Any non-`view` function making such a call must declare a
[reentrancy disposition](/edsl/functions#reentrancy-disposition).

## CREATE2, code data, and multicall

`returnCodeData pointer` returns SSTORE2-style stored code data. CREATE2 address
derivation and the `CodeData.Layout` (STOP-prefixed payload at offset 1) are
modeled in `Verity/Core/Model/CodeData.lean`. A trusted self-delegate multicall
ECM (`Calls.selfDelegateMulticallBytes`) implements Solidity-style
`multicall(bytes[])` by self-`delegatecall`ing each payload; it reverts on
empty / malformed offsets, is rejected from `view` functions, and its full
non-empty semantics remain an assumed boundary.

## Unsafe Yul escapes

One-off raw Yul instructions use `Stmt.unsafeYul` with an `UnsafeYulFragment`
helper rather than new first-class statements. Raw memory revert is the
canonical small helper:

```lean
Stmt.unsafeYul
  (UnsafeYulFragment.rawRevert
    (Compiler.Yul.YulExpr.ident "offset")
    (Compiler.Yul.YulExpr.ident "size")
    { name := "raw_revert_memory_slice_refinement"
      obligation := "Caller-provided raw revert memory slice must refine the intended failure payload."
      proofStatus := .assumed })
```

Prefer ECM wrappers when they fit.
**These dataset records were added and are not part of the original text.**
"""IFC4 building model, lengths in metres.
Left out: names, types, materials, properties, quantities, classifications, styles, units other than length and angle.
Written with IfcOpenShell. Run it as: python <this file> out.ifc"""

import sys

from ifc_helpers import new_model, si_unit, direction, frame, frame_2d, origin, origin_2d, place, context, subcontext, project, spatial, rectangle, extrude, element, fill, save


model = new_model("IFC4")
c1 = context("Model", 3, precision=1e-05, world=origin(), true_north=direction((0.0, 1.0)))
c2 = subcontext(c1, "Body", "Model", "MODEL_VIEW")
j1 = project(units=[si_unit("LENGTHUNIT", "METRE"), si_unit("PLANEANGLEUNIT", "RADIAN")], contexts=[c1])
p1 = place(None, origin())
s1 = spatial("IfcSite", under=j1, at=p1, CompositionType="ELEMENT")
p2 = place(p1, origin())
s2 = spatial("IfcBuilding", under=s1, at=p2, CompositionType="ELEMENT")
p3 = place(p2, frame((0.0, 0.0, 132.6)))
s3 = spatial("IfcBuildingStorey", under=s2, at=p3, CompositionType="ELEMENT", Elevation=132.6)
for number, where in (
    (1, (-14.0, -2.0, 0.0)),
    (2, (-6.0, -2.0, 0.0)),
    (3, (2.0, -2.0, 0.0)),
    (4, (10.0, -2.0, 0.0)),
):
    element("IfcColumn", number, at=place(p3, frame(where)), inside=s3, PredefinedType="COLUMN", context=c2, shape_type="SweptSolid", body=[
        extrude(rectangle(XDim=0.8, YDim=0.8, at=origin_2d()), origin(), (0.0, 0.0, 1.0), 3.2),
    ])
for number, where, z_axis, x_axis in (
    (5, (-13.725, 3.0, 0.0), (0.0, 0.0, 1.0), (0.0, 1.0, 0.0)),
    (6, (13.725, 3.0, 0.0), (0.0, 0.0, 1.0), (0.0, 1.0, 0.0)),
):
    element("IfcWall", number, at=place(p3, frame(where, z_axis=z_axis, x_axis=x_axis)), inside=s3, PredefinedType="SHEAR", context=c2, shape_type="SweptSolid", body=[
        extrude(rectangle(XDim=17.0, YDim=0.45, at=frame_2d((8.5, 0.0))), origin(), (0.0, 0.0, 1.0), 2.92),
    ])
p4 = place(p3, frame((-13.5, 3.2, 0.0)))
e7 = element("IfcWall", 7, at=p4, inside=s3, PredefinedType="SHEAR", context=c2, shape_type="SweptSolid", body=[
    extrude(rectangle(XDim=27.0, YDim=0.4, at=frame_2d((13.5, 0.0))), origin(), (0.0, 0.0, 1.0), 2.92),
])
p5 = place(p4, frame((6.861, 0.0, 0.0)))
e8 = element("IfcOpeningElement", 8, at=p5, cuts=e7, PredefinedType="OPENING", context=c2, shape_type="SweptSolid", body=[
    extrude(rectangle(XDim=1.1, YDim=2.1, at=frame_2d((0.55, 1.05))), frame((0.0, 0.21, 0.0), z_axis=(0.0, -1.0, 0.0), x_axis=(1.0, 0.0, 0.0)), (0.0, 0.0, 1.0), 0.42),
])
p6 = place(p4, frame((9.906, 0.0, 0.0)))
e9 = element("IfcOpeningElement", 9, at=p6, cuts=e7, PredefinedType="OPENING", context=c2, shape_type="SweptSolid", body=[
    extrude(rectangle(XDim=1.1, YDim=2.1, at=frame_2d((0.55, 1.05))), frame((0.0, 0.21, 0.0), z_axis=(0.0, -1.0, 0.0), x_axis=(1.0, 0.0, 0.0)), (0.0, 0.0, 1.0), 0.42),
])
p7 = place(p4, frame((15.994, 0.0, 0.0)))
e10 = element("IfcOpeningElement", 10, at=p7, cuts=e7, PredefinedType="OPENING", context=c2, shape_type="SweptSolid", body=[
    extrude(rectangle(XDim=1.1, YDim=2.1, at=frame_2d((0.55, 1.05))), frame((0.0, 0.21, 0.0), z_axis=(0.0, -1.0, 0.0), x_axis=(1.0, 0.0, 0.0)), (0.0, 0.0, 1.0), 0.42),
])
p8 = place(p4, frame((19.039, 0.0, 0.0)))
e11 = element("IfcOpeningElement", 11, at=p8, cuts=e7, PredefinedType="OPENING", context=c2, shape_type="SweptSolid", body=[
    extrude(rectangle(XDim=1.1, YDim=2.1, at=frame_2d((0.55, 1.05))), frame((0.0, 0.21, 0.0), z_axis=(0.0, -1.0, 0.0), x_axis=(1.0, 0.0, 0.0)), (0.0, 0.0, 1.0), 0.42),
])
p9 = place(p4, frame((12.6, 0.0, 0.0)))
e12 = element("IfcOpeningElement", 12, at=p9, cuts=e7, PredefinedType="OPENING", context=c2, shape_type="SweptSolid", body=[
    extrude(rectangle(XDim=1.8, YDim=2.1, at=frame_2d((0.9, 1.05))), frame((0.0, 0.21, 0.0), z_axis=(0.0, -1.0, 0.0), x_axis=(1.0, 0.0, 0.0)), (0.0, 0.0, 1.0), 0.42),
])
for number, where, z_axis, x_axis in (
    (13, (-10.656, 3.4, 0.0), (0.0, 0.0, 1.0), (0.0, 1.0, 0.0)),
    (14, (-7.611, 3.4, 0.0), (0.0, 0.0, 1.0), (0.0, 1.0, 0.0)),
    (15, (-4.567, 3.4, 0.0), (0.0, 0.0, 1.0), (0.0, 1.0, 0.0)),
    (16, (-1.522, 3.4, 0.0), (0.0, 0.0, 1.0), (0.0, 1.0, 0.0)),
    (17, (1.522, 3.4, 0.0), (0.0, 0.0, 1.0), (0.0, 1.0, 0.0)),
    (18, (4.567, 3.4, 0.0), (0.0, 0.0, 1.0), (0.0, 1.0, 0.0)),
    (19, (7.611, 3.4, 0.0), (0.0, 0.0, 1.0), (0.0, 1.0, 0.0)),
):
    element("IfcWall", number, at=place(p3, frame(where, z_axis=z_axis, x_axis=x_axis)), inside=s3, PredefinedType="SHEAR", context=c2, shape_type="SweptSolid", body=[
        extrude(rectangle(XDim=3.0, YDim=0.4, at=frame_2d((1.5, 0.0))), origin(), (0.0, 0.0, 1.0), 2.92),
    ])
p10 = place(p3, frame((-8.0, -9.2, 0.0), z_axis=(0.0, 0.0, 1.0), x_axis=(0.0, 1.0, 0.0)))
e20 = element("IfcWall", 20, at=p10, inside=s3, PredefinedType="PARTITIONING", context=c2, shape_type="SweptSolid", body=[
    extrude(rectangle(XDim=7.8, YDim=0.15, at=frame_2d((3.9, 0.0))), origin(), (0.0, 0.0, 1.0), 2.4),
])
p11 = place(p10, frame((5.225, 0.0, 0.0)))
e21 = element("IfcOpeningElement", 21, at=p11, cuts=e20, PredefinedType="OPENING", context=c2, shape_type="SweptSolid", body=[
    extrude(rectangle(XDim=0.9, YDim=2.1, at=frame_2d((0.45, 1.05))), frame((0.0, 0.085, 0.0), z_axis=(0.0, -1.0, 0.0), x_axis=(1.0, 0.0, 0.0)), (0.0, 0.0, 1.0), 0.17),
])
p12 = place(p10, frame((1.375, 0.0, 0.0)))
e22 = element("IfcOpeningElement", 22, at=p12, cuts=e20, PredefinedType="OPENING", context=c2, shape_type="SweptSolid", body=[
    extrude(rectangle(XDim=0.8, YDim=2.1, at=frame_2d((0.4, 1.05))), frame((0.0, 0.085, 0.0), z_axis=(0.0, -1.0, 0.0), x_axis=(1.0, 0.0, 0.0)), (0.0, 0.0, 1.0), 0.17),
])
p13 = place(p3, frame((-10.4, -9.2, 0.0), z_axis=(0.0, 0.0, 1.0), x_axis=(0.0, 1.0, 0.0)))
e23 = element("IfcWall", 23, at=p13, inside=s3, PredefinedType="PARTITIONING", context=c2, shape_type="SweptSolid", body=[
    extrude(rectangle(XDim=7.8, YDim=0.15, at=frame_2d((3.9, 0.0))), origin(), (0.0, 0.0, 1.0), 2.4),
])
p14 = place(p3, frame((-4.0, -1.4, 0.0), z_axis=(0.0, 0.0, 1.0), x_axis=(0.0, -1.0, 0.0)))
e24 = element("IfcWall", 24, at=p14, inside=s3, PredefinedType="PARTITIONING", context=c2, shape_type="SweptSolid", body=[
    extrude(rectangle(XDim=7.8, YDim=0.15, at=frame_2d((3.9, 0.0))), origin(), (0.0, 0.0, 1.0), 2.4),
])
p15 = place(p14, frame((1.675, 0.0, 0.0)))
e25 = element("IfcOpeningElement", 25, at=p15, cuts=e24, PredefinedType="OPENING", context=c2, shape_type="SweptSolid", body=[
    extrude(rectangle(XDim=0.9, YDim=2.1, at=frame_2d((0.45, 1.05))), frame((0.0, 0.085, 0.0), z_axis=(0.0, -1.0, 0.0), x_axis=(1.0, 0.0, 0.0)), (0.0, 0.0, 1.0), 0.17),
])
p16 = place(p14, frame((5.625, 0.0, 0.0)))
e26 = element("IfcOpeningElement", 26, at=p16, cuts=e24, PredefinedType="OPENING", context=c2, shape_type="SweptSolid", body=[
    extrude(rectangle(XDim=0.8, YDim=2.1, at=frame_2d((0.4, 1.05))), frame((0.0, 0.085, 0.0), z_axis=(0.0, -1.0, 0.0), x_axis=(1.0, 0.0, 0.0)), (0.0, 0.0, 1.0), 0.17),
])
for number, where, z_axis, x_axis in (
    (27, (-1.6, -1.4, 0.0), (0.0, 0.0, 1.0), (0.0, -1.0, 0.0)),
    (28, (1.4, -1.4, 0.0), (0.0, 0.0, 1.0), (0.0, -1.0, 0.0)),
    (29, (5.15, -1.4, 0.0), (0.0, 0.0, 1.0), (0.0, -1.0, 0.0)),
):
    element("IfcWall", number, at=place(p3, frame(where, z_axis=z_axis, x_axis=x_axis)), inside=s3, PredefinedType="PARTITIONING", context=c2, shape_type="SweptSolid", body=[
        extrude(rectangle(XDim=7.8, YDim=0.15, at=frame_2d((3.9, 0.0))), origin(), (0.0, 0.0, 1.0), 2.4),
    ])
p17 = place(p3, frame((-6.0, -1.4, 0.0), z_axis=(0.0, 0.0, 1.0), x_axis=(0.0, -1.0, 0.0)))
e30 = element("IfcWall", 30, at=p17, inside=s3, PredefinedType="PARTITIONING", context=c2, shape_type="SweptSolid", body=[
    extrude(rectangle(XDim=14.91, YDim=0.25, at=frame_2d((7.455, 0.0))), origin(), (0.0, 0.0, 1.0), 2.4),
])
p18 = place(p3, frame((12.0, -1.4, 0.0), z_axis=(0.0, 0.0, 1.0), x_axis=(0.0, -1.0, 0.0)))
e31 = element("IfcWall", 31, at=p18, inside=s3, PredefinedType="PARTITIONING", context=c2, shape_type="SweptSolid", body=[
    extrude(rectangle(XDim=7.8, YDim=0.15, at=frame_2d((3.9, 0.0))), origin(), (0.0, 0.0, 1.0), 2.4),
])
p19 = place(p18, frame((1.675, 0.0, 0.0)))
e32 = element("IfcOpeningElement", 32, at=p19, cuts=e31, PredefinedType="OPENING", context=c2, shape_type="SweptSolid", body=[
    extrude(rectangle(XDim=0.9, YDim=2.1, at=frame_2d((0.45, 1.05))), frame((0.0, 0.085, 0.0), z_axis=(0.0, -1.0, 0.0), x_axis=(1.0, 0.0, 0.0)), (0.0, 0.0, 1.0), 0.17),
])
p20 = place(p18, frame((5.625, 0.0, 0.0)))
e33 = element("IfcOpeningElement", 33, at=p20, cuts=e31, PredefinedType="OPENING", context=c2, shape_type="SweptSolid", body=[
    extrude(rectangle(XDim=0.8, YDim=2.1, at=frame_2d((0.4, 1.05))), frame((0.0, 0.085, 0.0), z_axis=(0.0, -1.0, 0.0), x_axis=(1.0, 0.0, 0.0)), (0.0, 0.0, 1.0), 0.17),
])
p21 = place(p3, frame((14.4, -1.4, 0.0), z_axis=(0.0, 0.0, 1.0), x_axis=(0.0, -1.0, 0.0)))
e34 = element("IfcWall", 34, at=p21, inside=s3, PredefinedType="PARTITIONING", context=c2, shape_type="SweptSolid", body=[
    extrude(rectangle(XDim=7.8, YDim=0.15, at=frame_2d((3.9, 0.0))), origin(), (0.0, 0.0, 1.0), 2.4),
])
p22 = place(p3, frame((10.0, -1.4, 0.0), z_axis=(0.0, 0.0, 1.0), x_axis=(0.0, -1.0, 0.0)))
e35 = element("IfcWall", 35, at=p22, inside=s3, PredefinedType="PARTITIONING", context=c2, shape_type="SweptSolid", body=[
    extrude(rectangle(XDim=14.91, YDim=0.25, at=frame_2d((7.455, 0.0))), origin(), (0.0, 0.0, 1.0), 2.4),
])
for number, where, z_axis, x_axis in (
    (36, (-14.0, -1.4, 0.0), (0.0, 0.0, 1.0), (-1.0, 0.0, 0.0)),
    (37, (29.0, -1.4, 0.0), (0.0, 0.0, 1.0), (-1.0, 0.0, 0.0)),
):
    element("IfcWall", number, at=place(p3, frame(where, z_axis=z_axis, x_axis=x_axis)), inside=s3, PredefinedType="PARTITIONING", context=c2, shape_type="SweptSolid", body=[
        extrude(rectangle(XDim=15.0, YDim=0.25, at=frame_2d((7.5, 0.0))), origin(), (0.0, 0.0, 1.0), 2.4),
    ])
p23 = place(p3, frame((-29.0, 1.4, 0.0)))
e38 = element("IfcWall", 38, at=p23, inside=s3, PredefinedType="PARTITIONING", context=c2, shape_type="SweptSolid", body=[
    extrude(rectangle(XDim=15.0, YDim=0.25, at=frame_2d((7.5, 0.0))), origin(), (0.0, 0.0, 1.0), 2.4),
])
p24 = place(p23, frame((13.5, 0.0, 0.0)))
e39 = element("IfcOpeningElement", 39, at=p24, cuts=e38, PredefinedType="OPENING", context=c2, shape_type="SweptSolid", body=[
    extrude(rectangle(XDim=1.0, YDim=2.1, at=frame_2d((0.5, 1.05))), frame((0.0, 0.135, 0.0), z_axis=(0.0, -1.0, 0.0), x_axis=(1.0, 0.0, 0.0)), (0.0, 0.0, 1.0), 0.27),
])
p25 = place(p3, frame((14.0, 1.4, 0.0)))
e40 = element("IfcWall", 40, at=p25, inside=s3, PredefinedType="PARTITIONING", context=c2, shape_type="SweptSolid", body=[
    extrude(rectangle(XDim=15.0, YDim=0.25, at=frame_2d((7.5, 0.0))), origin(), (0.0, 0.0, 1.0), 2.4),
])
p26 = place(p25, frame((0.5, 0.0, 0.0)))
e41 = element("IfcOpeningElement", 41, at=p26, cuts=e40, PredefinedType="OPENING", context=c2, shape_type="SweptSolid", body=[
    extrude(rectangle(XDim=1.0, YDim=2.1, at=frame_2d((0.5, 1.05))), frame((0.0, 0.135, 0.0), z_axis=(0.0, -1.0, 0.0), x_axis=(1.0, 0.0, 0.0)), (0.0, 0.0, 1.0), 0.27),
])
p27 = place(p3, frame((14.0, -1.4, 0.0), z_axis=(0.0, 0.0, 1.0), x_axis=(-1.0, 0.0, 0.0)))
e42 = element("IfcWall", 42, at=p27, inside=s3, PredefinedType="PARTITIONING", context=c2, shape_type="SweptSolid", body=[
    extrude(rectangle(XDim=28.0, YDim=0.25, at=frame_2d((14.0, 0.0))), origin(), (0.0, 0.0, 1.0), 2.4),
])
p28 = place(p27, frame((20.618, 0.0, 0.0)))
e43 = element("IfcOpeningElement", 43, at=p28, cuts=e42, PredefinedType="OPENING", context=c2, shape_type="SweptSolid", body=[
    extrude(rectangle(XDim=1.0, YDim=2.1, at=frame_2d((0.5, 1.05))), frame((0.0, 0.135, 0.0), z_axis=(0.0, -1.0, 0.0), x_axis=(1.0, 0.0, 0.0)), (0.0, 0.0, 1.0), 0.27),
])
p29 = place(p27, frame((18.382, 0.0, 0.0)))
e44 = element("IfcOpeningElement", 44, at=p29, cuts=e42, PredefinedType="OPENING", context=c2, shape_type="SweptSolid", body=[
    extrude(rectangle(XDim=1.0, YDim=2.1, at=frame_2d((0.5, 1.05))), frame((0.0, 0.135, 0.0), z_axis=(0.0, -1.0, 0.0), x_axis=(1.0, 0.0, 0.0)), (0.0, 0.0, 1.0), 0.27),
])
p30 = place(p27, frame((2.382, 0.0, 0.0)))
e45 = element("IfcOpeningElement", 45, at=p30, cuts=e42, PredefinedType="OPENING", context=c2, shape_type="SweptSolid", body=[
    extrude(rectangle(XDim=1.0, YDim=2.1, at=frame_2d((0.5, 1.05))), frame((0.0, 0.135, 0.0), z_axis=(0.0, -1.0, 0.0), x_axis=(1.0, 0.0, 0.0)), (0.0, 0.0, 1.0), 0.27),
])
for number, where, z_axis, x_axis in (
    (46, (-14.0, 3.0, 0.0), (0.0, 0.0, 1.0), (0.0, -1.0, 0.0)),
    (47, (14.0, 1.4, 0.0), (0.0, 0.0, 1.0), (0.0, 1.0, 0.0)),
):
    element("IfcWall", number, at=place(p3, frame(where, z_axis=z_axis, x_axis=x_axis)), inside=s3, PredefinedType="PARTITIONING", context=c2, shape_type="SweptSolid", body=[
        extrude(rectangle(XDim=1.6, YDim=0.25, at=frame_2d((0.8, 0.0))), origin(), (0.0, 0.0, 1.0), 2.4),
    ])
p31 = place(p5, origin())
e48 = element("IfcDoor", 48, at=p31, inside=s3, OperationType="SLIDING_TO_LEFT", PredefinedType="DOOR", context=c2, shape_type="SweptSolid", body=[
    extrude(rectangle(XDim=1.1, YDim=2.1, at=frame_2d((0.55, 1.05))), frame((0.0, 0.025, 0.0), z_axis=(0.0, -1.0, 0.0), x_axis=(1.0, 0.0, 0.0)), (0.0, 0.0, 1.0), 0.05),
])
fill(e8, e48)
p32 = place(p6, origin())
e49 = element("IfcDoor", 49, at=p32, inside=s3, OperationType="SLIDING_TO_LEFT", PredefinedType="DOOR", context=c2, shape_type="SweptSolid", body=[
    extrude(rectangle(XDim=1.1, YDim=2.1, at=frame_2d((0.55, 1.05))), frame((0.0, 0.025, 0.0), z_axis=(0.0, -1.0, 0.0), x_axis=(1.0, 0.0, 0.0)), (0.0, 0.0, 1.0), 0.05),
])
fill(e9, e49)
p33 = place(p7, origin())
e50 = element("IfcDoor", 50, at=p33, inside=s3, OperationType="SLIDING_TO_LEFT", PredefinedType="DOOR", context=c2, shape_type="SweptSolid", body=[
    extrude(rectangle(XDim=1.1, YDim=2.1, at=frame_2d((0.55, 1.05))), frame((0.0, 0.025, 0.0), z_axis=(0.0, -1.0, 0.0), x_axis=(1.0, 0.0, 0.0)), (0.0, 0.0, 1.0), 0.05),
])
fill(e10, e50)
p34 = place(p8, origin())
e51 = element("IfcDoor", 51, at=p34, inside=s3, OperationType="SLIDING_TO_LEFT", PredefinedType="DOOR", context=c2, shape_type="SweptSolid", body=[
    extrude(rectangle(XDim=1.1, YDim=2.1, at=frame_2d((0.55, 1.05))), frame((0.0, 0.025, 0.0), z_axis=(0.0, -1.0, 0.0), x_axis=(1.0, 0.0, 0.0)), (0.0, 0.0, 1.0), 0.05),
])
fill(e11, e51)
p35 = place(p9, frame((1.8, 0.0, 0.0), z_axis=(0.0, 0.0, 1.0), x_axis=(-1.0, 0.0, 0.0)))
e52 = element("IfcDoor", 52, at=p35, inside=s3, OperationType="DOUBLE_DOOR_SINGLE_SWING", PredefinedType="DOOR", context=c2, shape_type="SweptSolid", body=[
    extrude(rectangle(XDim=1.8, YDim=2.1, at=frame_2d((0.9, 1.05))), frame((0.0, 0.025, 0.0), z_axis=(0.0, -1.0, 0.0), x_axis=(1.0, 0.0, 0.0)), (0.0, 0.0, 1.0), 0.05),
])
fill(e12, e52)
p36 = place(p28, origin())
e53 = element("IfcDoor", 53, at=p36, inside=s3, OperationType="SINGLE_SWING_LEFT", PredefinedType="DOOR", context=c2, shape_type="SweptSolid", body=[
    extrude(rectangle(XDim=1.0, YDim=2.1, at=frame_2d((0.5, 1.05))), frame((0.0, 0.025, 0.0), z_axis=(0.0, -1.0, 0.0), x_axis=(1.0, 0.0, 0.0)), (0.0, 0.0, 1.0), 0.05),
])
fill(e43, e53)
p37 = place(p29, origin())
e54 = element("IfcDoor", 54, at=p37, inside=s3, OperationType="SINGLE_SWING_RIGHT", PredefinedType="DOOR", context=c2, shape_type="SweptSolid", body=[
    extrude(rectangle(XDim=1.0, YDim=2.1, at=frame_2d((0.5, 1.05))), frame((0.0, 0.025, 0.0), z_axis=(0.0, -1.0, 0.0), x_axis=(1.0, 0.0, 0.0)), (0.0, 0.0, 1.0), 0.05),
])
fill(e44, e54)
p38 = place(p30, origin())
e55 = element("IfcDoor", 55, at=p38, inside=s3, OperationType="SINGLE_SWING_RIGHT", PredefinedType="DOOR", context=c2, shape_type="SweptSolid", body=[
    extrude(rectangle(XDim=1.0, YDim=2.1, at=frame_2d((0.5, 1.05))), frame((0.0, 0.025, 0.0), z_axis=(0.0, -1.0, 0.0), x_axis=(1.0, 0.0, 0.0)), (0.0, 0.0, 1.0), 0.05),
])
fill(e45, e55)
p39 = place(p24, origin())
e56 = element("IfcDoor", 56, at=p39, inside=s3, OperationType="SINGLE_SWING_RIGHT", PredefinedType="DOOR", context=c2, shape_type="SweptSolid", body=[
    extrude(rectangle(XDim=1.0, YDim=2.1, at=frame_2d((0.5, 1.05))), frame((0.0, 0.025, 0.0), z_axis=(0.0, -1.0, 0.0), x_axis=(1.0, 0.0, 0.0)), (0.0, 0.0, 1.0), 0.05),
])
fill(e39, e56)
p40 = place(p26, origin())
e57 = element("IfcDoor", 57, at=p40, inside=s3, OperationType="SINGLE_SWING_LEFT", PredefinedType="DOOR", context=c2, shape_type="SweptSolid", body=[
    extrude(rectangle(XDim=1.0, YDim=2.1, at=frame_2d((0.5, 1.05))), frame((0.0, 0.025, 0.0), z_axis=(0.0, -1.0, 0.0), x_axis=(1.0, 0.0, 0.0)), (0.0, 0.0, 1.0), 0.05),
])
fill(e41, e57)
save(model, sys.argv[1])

For unavoidable cases, attach a
`local_obligations` entry at the usage site and discharge it before shipping
(`--deny-unsafe` rejects all unsafe blocks).

## See also

- [Functions & Authoring](/edsl/functions#reentrancy-disposition) — required reentrancy markers.
- [Trust Model](/trust-model) — what these assumptions cover.